The Antihero

The Characters of Steel Fear, Part 1

By John David Mann

SOFREP readers are thinkers, so we thought you’d enjoy a behind-the-scenes look at how the sausage gets made. This seven-part series takes apart the characters of the military thriller Steel Fear and shows you some of the thought processes involved in conceiving them and bringing them to life on the page.

“Everyone,” the writer John Barth pointed out, “is necessarily the hero of his own story.” You are the hero of yours. I’m the hero of mine. We all are, each of us, the central heroes of the stories we’re telling with our lives.

Here’s the thing about you and me: we are imperfect. Flawed. In fact—let’s be honest here—flawed in lots of ways, some of which we see clearly and some we probably don’t.

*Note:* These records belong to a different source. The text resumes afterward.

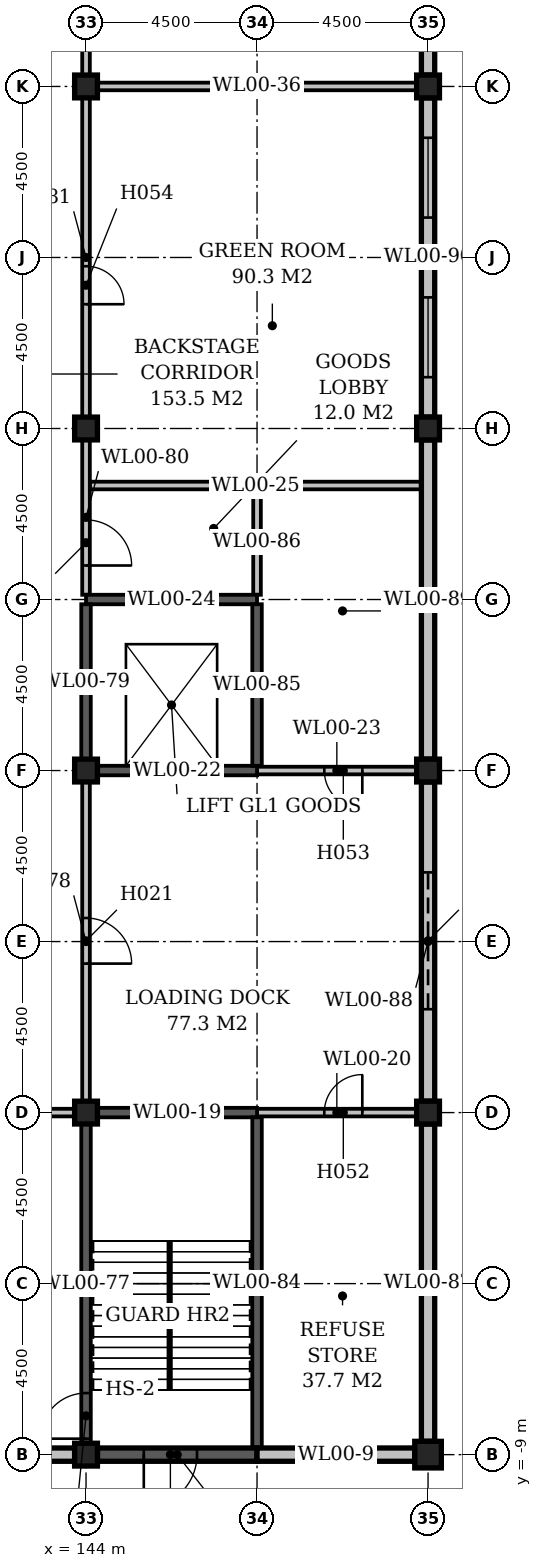
"""IFC4 building model, lengths in metres.
Left out: names, types, materials, properties, quantities, classifications, styles, units other than length and angle.
Written with IfcOpenShell. Run it as: python <this file> out.ifc"""

import sys

from ifc_helpers import new_model, si_unit, direction, frame, frame_2d, origin, origin_2d, place, context, subcontext, project, spatial, rectangle, extrude, element, fill, save


model = new_model("IFC4")
c1 = context("Model", 3, precision=1e-05, world=origin(), true_north=direction((0.0, 1.0)))
c2 = subcontext(c1, "Body", "Model", "MODEL_VIEW")
j1 = project(units=[si_unit("LENGTHUNIT", "METRE"), si_unit("PLANEANGLEUNIT", "RADIAN")], contexts=[c1])
p1 = place(None, origin())
s1 = spatial("IfcSite", under=j1, at=p1, CompositionType="ELEMENT")
p2 = place(p1, origin())
s2 = spatial("IfcBuilding", under=s1, at=p2, CompositionType="ELEMENT")
p3 = place(p2, origin())
s3 = spatial("IfcBuildingStorey", under=s2, at=p3, CompositionType="ELEMENT", Elevation=0.0)
for number, where, z_axis, x_axis in (
    (1, (144.0, -9.0, 0.0), (0.0, 0.0, 1.0), (1.0, 0.0, 0.0)),
    (2, (144.0, 0.0, 0.0), (0.0, 0.0, 1.0), (1.0, 0.0, 0.0)),
    (3, (144.0, 9.0, 0.0), (0.0, 0.0, 1.0), (1.0, 0.0, 0.0)),
    (4, (144.0, 18.0, 0.0), (0.0, 0.0, 1.0), (1.0, 0.0, 0.0)),
    (5, (144.0, 27.0, 0.0), (0.0, 0.0, 1.0), (1.0, 0.0, 0.0)),
):
    element("IfcColumn", number, at=place(p3, frame(where, z_axis=z_axis, x_axis=x_axis)), inside=s3, PredefinedType="COLUMN", context=c2, shape_type="SweptSolid", body=[
        extrude(rectangle(XDim=0.6, YDim=0.6, at=origin_2d()), origin(), (0.0, 0.0, 1.0), 8.7),
    ])
p4 = place(p3, frame((153.0, -9.0, 0.0), z_axis=(0.0, 0.0, 1.0), x_axis=(1.0, 0.0, 0.0)))
e6 = element("IfcColumn", 6, at=p4, inside=s3, PredefinedType="COLUMN", context=c2, shape_type="SweptSolid", body=[
    extrude(rectangle(XDim=0.7, YDim=0.7, at=origin_2d()), origin(), (0.0, 0.0, 1.0), 8.7),
])
for number, where, z_axis, x_axis in (
    (7, (153.0, 0.0, 0.0), (0.0, 0.0, 1.0), (1.0, 0.0, 0.0)),
    (8, (153.0, 9.0, 0.0), (0.0, 0.0, 1.0), (1.0, 0.0, 0.0)),
    (9, (153.0, 18.0, 0.0), (0.0, 0.0, 1.0), (1.0, 0.0, 0.0)),
    (10, (153.0, 27.0, 0.0), (0.0, 0.0, 1.0), (1.0, 0.0, 0.0)),
):
    element("IfcColumn", number, at=place(p3, frame(where, z_axis=z_axis, x_axis=x_axis)), inside=s3, PredefinedType="COLUMN", context=c2, shape_type="SweptSolid", body=[
        extrude(rectangle(XDim=0.6, YDim=0.6, at=origin_2d()), origin(), (0.0, 0.0, 1.0), 8.7),
    ])
p5 = place(p3, frame((135.3, -9.0, 0.0), z_axis=(0.0, 0.0, 1.0), x_axis=(1.0, 0.0, 0.0)))
e11 = element("IfcWall", 11, at=p5, inside=s3, PredefinedType="STANDARD", context=c2, shape_type="SweptSolid", body=[
    extrude(rectangle(XDim=8.4, YDim=0.35, at=frame_2d((4.2, 0.0))), origin(), (0.0, 0.0, 1.0), 8.1),
])
p6 = place(p5, frame((1.05, 0.0, 1.2)))
e12 = element("IfcOpeningElement", 12, at=p6, cuts=e11, PredefinedType="OPENING", context=c2, shape_type="SweptSolid", body=[
    extrude(rectangle(XDim=2.1, YDim=2.4, at=frame_2d((1.05, 1.2))), frame((0.0, 0.187, 0.0), z_axis=(0.0, -1.0, 0.0), x_axis=(1.0, 0.0, 0.0)), (0.0, 0.0, 1.0), 0.374),
])
p7 = place(p3, frame((144.3, -9.0, 0.0), z_axis=(0.0, 0.0, 1.0), x_axis=(1.0, 0.0, 0.0)))
e13 = element("IfcWall", 13, at=p7, inside=s3, PredefinedType="STANDARD", context=c2, shape_type="SweptSolid", body=[
    extrude(rectangle(XDim=4.2, YDim=0.35, at=frame_2d((2.1, 0.0))), origin(), (0.0, 0.0, 1.0), 9.0),
])
p8 = place(p7, frame((1.22, 0.0, 0.0)))
e14 = element("IfcOpeningElement", 14, at=p8, cuts=e13, PredefinedType="OPENING", context=c2, shape_type="SweptSolid", body=[
    extrude(rectangle(XDim=1.4, YDim=2.1, at=frame_2d((0.7, 1.05))), frame((0.0, 0.187, 0.0), z_axis=(0.0, -1.0, 0.0), x_axis=(1.0, 0.0, 0.0)), (0.0, 0.0, 1.0), 0.374),
])
p9 = place(p3, frame((148.5, -9.0, 0.0), z_axis=(0.0, 0.0, 1.0), x_axis=(1.0, 0.0, 0.0)))
e15 = element("IfcWall", 15, at=p9, inside=s3, PredefinedType="STANDARD", context=c2, shape_type="SweptSolid", body=[
    extrude(rectangle(XDim=4.15, YDim=0.35, at=frame_2d((2.075, 0.0))), origin(), (0.0, 0.0, 1.0), 8.1),
])
p10 = place(p3, frame((135.4, 0.0, 0.0), z_axis=(0.0, 0.0, 1.0), x_axis=(1.0, 0.0, 0.0)))
e16 = element("IfcWall", 16, at=p10, inside=s3, PredefinedType="STANDARD", context=c2, shape_type="SweptSolid", body=[
    extrude(rectangle(XDim=8.3, YDim=0.2, at=frame_2d((4.15, 0.0))), origin(), (0.0, 0.0, 1.0), 8.7),
])
p11 = place(p3, frame((144.3, 0.0, 0.0), z_axis=(0.0, 0.0, 1.0), x_axis=(1.0, 0.0, 0.0)))
e17 = element("IfcWall", 17, at=p11, inside=s3, PredefinedType="STANDARD", context=c2, shape_type="SweptSolid", body=[
    extrude(rectangle(XDim=4.2, YDim=0.25, at=frame_2d((2.1, 0.0))), origin(), (0.0, 0.0, 1.0), 9.0),
])
p12 = place(p3, frame((148.5, 0.0, 0.0), z_axis=(0.0, 0.0, 1.0), x_axis=(1.0, 0.0, 0.0)))
e18 = element("IfcWall", 18, at=p12, inside=s3, PredefinedType="STANDARD", context=c2, shape_type="SweptSolid", body=[
    extrude(rectangle(XDim=4.2, YDim=0.2, at=frame_2d((2.1, 0.0))), origin(), (0.0, 0.0, 1.0), 8.7),
])
p13 = place(p12, frame((1.77, 0.0, 0.0)))
e19 = element("IfcOpeningElement", 19, at=p13, cuts=e18, PredefinedType="OPENING", context=c2, shape_type="SweptSolid", body=[
    extrude(rectangle(XDim=1.0, YDim=2.1, at=frame_2d((0.5, 1.05))), frame((0.0, 0.112, 0.0), z_axis=(0.0, -1.0, 0.0), x_axis=(1.0, 0.0, 0.0)), (0.0, 0.0, 1.0), 0.224),
])
p14 = place(p3, frame((144.3, 9.0, 0.0), z_axis=(0.0, 0.0, 1.0), x_axis=(1.0, 0.0, 0.0)))
e20 = element("IfcWall", 20, at=p14, inside=s3, PredefinedType="STANDARD", context=c2, shape_type="SweptSolid", body=[
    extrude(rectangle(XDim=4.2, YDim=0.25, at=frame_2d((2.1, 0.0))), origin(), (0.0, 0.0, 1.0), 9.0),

I think that’s why we like our heroes to be less than perfect. Complicated. The more flawed the better. Because when you read a good story, you want it to resonate. You want to identify with the hero, so you can “put on” the story as you read it, like a well-fitted suit of clothes. And you can’t do that if the hero is too squeaky clean and well-adjusted.

Enter the antihero.

Finding Finn

By now you probably know where the story of Steel Fear came from. In the years before he was a SEAL, my Navy SEAL buddy Brandon served on an aircraft carrier; this was in the mid-nineties when women had just been integrated onboard, and there was a serial molester on the ship during his deployment. The perpetrator’s identity was never discovered, and at the time Brandon wondered, what if those were murders?